★★★★☆

廃市(福永武彦/小学館P+D BOOKS)~紹介とレビュー

投稿日:2017年8月10日 更新日:

  • 少し暗いところと、観念的(抽象的)なところとがあります。
  • きちんと構成された作品もあります。
  • 表題作の映画についても。
  • おススメ度:★★★★☆

福永武彦というと、今では、作家の池澤夏樹の父親としても知られているでしょう。福永作品は、今読むと、ただ古臭い表現の作品かと思われる向きもあるかも知れませんが、よく読むと、ヴァラエティに溢れ、様々に構築された世界があり、そう単純ではありません。

私は、福永武彦の世界を、スノードームの中に整然と構築された世界のようだと思うことがあります。広いテーマを扱っていても、何かしら個々別々の人物が、その中に閉じ込められた、そういうスノードームを連想します。そして、その中に浮かんで漂っているのは、愛、死、運命、孤独、滅び、寂しさ、喪失、闇、別れ、諦念、退廃、追憶、美(芸術)、影、明暗、病、悔恨、痛苦、青春、無垢、希望、病……など、それらで充満しているのです。ちょっと書きすぎかもしれませんが、決して大げさでないと思います。

『廃市』……「僕」がある新聞記事から、10年前に訪れた町のことを思い出すところからはじまります。記事によると、その街は火事に遭い、そのほとんどは焼けおち、「廃市」のようになり、「荒れ果てた」町になってしまったと、僕は思うのです。普通に考えると、町火事にあっても、人がいる限りすぐに復興されるものでしょう。廃墟のままになるわけはありません。ということは、これは、僕の中で過去の「古びた記憶」としてある町が、焼けおち、「廃市」になったことを示しているのでしょうか。僕の中の過去が滅びたのです。さらにいうと、僕が10年前に出会った町の人々の、退廃的な姿がそう思わせたのでしょう。

話の中心は、僕が過去に訪れた、その時の出来事です。僕が出会った町の人、特に滞在先の「貝原家」の人たちの、町に縛られたと思われる、運命に身をゆだねたような倦怠と、その簡単なようでいて、複雑な人間関係(愛情の複雑さ)が、印象的です。この作品は大林宣彦監督で映画化されました。福岡県の柳川でロケがなされ、町の雰囲気をいかした良い映画でした。キャストとしては、峰岸徹と、根岸季衣が特に印象的でした。脚本的にも、原作に加味されている箇所は良かったです。

『沼』……これは、童話風の作品ですが、読みようによっては怖い感じもします。「子供」と「大人」という表記からして、子供が大人の知らないうちに巣立つというイメージでしょうか。

『飛ぶ男』……入院先の男の意識が分裂し、ベッドに残る方と、病院を抜け出して街を徘徊する方とに分かれるという、実験的で幻想的な一品です。著者の入院体験が色濃く出たように感じてしまいます。

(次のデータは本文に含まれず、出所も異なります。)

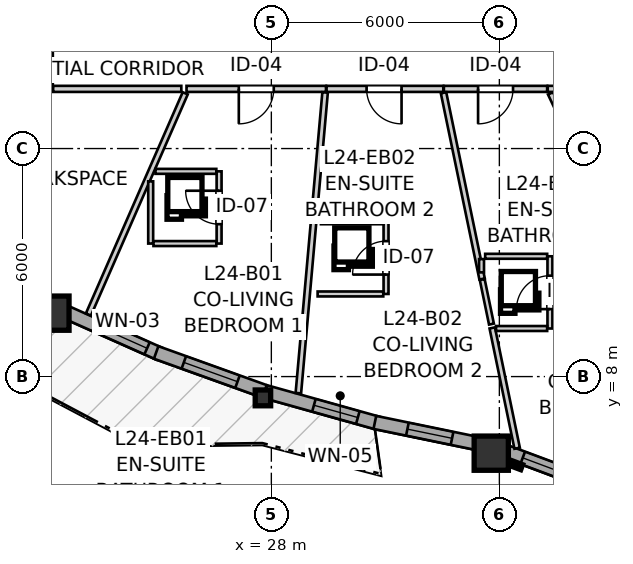
"""IFC4 building model, lengths in metres.
Left out: names, types, materials, properties, quantities, classifications, styles, units other than length and angle.
Written with IfcOpenShell. Run it as: python <this file> out.ifc"""

import sys

from ifc_helpers import new_model, si_unit, direction, frame, frame_2d, origin, origin_2d, place, context, subcontext, project, spatial, rectangle, i_section, extrude, source, transform, mapped, element, fill, save


model = new_model("IFC4")
c1 = context("Model", 3, precision=1e-05, world=origin(), true_north=direction((0.0, 1.0)))
c2 = subcontext(c1, "Body", "Model", "MODEL_VIEW")
j1 = project(units=[si_unit("LENGTHUNIT", "METRE"), si_unit("PLANEANGLEUNIT", "RADIAN")], contexts=[c1])
p1 = place(None, origin())
s1 = spatial("IfcSite", under=j1, at=p1, CompositionType="ELEMENT")
p2 = place(p1, origin())
s2 = spatial("IfcBuilding", under=s1, at=p2, CompositionType="ELEMENT")
p3 = place(p2, frame((0.0, 0.0, 83.2)))
s3 = spatial("IfcBuildingStorey", under=s2, at=p3, CompositionType="ELEMENT", Elevation=83.2)
m1 = source(origin(), c2, "Body", "SweptSolid", [
    extrude(rectangle(XDim=0.9, YDim=0.9, at=origin_2d()), origin(), (0.0, 0.0, 1.0), 2.935),
])
p4 = place(p3, frame((22.227, 9.669, 0.0), z_axis=(0.0, 0.0, 1.0), x_axis=(1.0, 0.0, 0.0)))
e1 = element("IfcColumn", 1, at=p4, inside=s3, PredefinedType="COLUMN", context=c2, shape_type="MappedRepresentation", body=[
    mapped(m1, transform((0.0, 0.0, 0.0), x_axis=(1.0, 0.0, 0.0), y_axis=(0.0, 1.0, 0.0), z_axis=(0.0, 0.0, 1.0), scale=1.0)),
])
m2 = source(origin(), c2, "Body", "SweptSolid", [
    extrude(i_section(OverallWidth=0.406, OverallDepth=0.416, WebThickness=0.027, FlangeThickness=0.044, FilletRadius=0.015, at=origin_2d()), origin(), (0.0, 0.0, 1.0), 2.935),
])
p5 = place(p3, frame((27.779, 7.439, 0.0), z_axis=(0.0, 0.0, 1.0), x_axis=(1.0, 0.0, 0.0)))
e2 = element("IfcColumn", 2, at=p5, inside=s3, PredefinedType="PILASTER", context=c2, shape_type="MappedRepresentation", body=[
    mapped(m2, transform((0.0, 0.0, 0.0), x_axis=(1.0, 0.0, 0.0), y_axis=(0.0, 1.0, 0.0), z_axis=(0.0, 0.0, 1.0), scale=1.0)),
])
p6 = place(p3, frame((33.787, 5.985, 0.0), z_axis=(0.0, 0.0, 1.0), x_axis=(1.0, 0.0, 0.0)))
e3 = element("IfcColumn", 3, at=p6, inside=s3, PredefinedType="COLUMN", context=c2, shape_type="MappedRepresentation", body=[
    mapped(m1, transform((0.0, 0.0, 0.0), x_axis=(1.0, 0.0, 0.0), y_axis=(0.0, 1.0, 0.0), z_axis=(0.0, 0.0, 1.0), scale=1.0)),
])
p7 = place(p3, frame((22.503, 9.737, 0.0), z_axis=(0.0, 0.0, 1.0), x_axis=(0.913443049169, -0.406966578388, 0.0)))
e4 = element("IfcWall", 4, at=p7, inside=s3, PredefinedType="SOLIDWALL", context=c2, shape_type="SweptSolid", body=[
    extrude(rectangle(XDim=2.79, YDim=0.35, at=frame_2d((1.395, 0.0))), origin(), (0.0, 0.0, 1.0), 2.465),
])
p8 = place(p7, frame((0.938, 0.0, 0.82)))
e5 = element("IfcOpeningElement", 5, at=p8, cuts=e4, PredefinedType="OPENING", context=c2, shape_type="SweptSolid", body=[
    extrude(rectangle(XDim=1.5, YDim=1.45, at=frame_2d((0.75, 0.725))), frame((0.0, 0.185, 0.0), z_axis=(0.0, -1.0, 0.0), x_axis=(1.0, 0.0, 0.0)), (0.0, 0.0, 1.0), 0.37),
])
p9 = place(p3, frame((24.969, 8.635, 0.0), z_axis=(0.0, 0.0, 1.0), x_axis=(0.941099972293, -0.338128440315, 0.0)))
e6 = element("IfcWall", 6, at=p9, inside=s3, PredefinedType="SOLIDWALL", context=c2, shape_type="SweptSolid", body=[
    extrude(rectangle(XDim=3.028, YDim=0.35, at=frame_2d((1.514, 0.0))), origin(), (0.0, 0.0, 1.0), 2.465),
])
p10 = place(p9, frame((0.774, 0.0, 0.82)))
e7 = element("IfcOpeningElement", 7, at=p10, cuts=e6, PredefinedType="OPENING", context=c2, shape_type="SweptSolid", body=[
    extrude(rectangle(XDim=1.5, YDim=1.45, at=frame_2d((0.75, 0.725))), frame((0.0, 0.185, 0.0), z_axis=(0.0, -1.0, 0.0), x_axis=(1.0, 0.0, 0.0)), (0.0, 0.0, 1.0), 0.37),
])
p11 = place(p3, frame((27.845, 7.603, 0.0), z_axis=(0.0, 0.0, 1.0), x_axis=(0.963041412051, -0.269353371382, 0.0)))
e8 = element("IfcWall", 8, at=p11, inside=s3, PredefinedType="SOLIDWALL", context=c2, shape_type="SweptSolid", body=[
    extrude(rectangle(XDim=3.078, YDim=0.35, at=frame_2d((1.539, 0.0))), origin(), (0.0, 0.0, 1.0), 2.465),
])
p12 = place(p11, frame((1.324, 0.0, 0.82)))
e9 = element("IfcOpeningElement", 9, at=p12, cuts=e8, PredefinedType="OPENING", context=c2, shape_type="SweptSolid", body=[
    extrude(rectangle(XDim=1.2, YDim=1.45, at=frame_2d((0.6, 0.725))), frame((0.0, 0.185, 0.0), z_axis=(0.0, -1.0, 0.0), x_axis=(1.0, 0.0, 0.0)), (0.0, 0.0, 1.0), 0.37),
])
p13 = place(p3, frame((30.724, 6.794, 0.0), z_axis=(0.0, 0.0, 1.0), x_axis=(0.979439663571, -0.201737317878, 0.0)))
e10 = element("IfcWall", 10, at=p13, inside=s3, PredefinedType="SOLIDWALL", context=c2, shape_type="SweptSolid", body=[
    extrude(rectangle(XDim=2.938, YDim=0.35, at=frame_2d((1.469, 0.0))), origin(), (0.0, 0.0, 1.0), 2.465),
])
p14 = place(p13, frame((0.874, 0.0, 0.82)))
e11 = element("IfcOpeningElement", 11, at=p14, cuts=e10, PredefinedType="OPENING", context=c2, shape_type="SweptSolid", body=[
    extrude(rectangle(XDim=1.2, YDim=1.45, at=frame_2d((0.6, 0.725))), frame((0.0, 0.185, 0.0), z_axis=(0.0, -1.0, 0.0), x_axis=(1.0, 0.0, 0.0)), (0.0, 0.0, 1.0), 0.37),
])
p15 = place(p3, frame((34.059, 6.07, 0.0), z_axis=(0.0, 0.0, 1.0), x_axis=(0.936803747811, -0.349855310219, 0.0)))
e12 = element("IfcWall", 12, at=p15, inside=s3, PredefinedType="SOLIDWALL", context=c2, shape_type="SweptSolid", body=[
    extrude(rectangle(XDim=1.836, YDim=0.35, at=frame_2d((0.918, 0.0))), origin(), (0.0, 0.0, 1.0), 2.465),
])
p16 = place(p15, frame((0.593, 0.0, 0.82)))
e13 = element("IfcOpeningElement", 13, at=p16, cuts=e12, PredefinedType="OPENING", context=c2, shape_type="SweptSolid", body=[
    extrude(rectangle(XDim=0.95, YDim=1.35, at=frame_2d((0.475, 0.675))), frame((0.0, 0.185, 0.0), z_axis=(0.0, -1.0, 0.0), x_axis=(1.0, 0.0, 0.0)), (0.0, 0.0, 1.0), 0.37),
])
p17 = place(p3, frame((22.17, 15.57, 0.0), z_axis=(0.0, 0.0, 1.0), x_axis=(0.0, 1.0, 0.0)))
e14 = element("IfcWall", 14, at=p17, inside=s3, PredefinedType="PARTITIONING", context=c2, shape_type="SweptSolid", body=[
    extrude(rectangle(XDim=5.543, YDim=0.16, at=frame_2d((2.771, 0.0))), origin(), (0.0, 0.0, 1.0), 2.935),
])
p18 = place(p17, frame((2.283, 0.0, 0.0)))
e15 = element("IfcOpeningElement", 15, at=p18, cuts=e14, PredefinedType="OPENING", context=c2, shape_type="SweptSolid", body=[
    extrude(rectangle(XDim=0.96, YDim=2.1, at=frame_2d((0.48, 1.05))), frame((0.0, 0.09, 0.0), z_axis=(0.0, -1.0, 0.0), x_axis=(1.0, 0.0, 0.0)), (0.0, 0.0, 1.0), 0.18),
])
p19 = place(p3, frame((29.438, 15.57, 0.0), z_axis=(0.0, 0.0, 1.0), x_axis=(-1.0, 0.0, 0.0)))
e16 = element("IfcWall", 16, at=p19, inside=s3, PredefinedType="PARTITIONING", context=c2, shape_type="SweptSolid", body=[
    extrude(rectangle(XDim=3.67, YDim=0.16, at=frame_2d((1.835, 0.0))), origin(), (0.0, 0.0, 1.0), 2.935),
])
p20 = place(p19, frame((1.374, 0.0, 0.0)))
e17 = element("IfcOpeningElement", 17, at=p20, cuts=e16, PredefinedType="OPENING", context=c2, shape_type="SweptSolid", body=[
    extrude(rectangle(XDim=0.92, YDim=2.1, at=frame_2d((0.46, 1.05))), frame((0.0, 0.09, 0.0), z_axis=(0.0, -1.0, 0.0), x_axis=(1.0, 0.0, 0.0)), (0.0, 0.0, 1.0), 0.18),
])
p21 = place(p3, frame((38.53, 15.57, 0.0), z_axis=(0.0, 0.0, 1.0), x_axis=(-1.0, 0.0, 0.0)))
e18 = element("IfcWall", 18, at=p21, inside=s3, PredefinedType="PARTITIONING", context=c2, shape_type="SweptSolid", body=[
    extrude(rectangle(XDim=3.257, YDim=0.16, at=frame_2d((1.628, 0.0))), origin(), (0.0, 0.0, 1.0), 2.935),
])
p22 = place(p21, frame((1.16, 0.0, 0.0)))
e19 = element("IfcOpeningElement", 19, at=p22, cuts=e18, PredefinedType="OPENING", context=c2, shape_type="SweptSolid", body=[
    extrude(rectangle(XDim=0.92, YDim=2.1, at=frame_2d((0.46, 1.05))), frame((0.0, 0.09, 0.0), z_axis=(0.0, -1.0, 0.0), x_axis=(1.0, 0.0, 0.0)), (0.0, 0.0, 1.0), 0.18),
])
p23 = place(p3, frame((32.525, 15.57, 0.0), z_axis=(0.0, 0.0, 1.0), x_axis=(-1.0, 0.0, 0.0)))
e20 = element("IfcWall", 20, at=p23, inside=s3, PredefinedType="PARTITIONING", context=c2, shape_type="SweptSolid", body=[
    extrude(rectangle(XDim=3.072, YDim=0.16, at=frame_2d((1.536, 0.0))), origin(), (0.0, 0.0, 1.0), 2.935),
])
p24 = place(p23, frame((1.098, 0.0, 0.0)))
e21 = element("IfcOpeningElement", 21, at=p24, cuts=e20, PredefinedType="OPENING", context=c2, shape_type="SweptSolid", body=[
    extrude(rectangle(XDim=0.92, YDim=2.1, at=frame_2d((0.46, 1.05))), frame((0.0, 0.09, 0.0), z_axis=(0.0, -1.0, 0.0), x_axis=(1.0, 0.0, 0.0)), (0.0, 0.0, 1.0), 0.18),
])
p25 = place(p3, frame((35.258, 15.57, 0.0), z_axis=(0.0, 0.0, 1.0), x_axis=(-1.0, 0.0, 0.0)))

『樹』……芸術家である「彼」は、自らを「幹」に例え、そこから伸びた枝々に、自分の作品や妻とのことへと意識をむけるのですが……。

『風花』……入院中の男が、蒲団の中で、様々な過去の出来事を連続的に思い浮かべます。風花と呼ばれる雪に、儚さをなぞらえつつも、明るい感じもまた示されます。短い作品ですが、構成的です。

『退屈な少年』……退屈をもてあます少年「謙二」は、己の運命に身を賭けようとしています。この一編は、彼に加えて、父親の「麻生教授」、兄の「舜一」、謙二の世話をする「三沢早智子」、そして従妹の「雪子」と、この五人の視点から描かれた一節一節が織り交ぜられ、地味ながらしっかりと構築されています。そして、そこに愛や運命や死といったものが話に色付けします。謙二を中心に見ると、彼の未来がありながらも、危うい運命に身を賭ける若さの象徴を軸に、父親と三沢さんとのそれ、舜一と雪子と井口(=舜一の友人)とのそれと、二つの愛の構図が見受けられます。それぞれが、未来を向いていたり、その愛の不可能性に悩んだりするのです。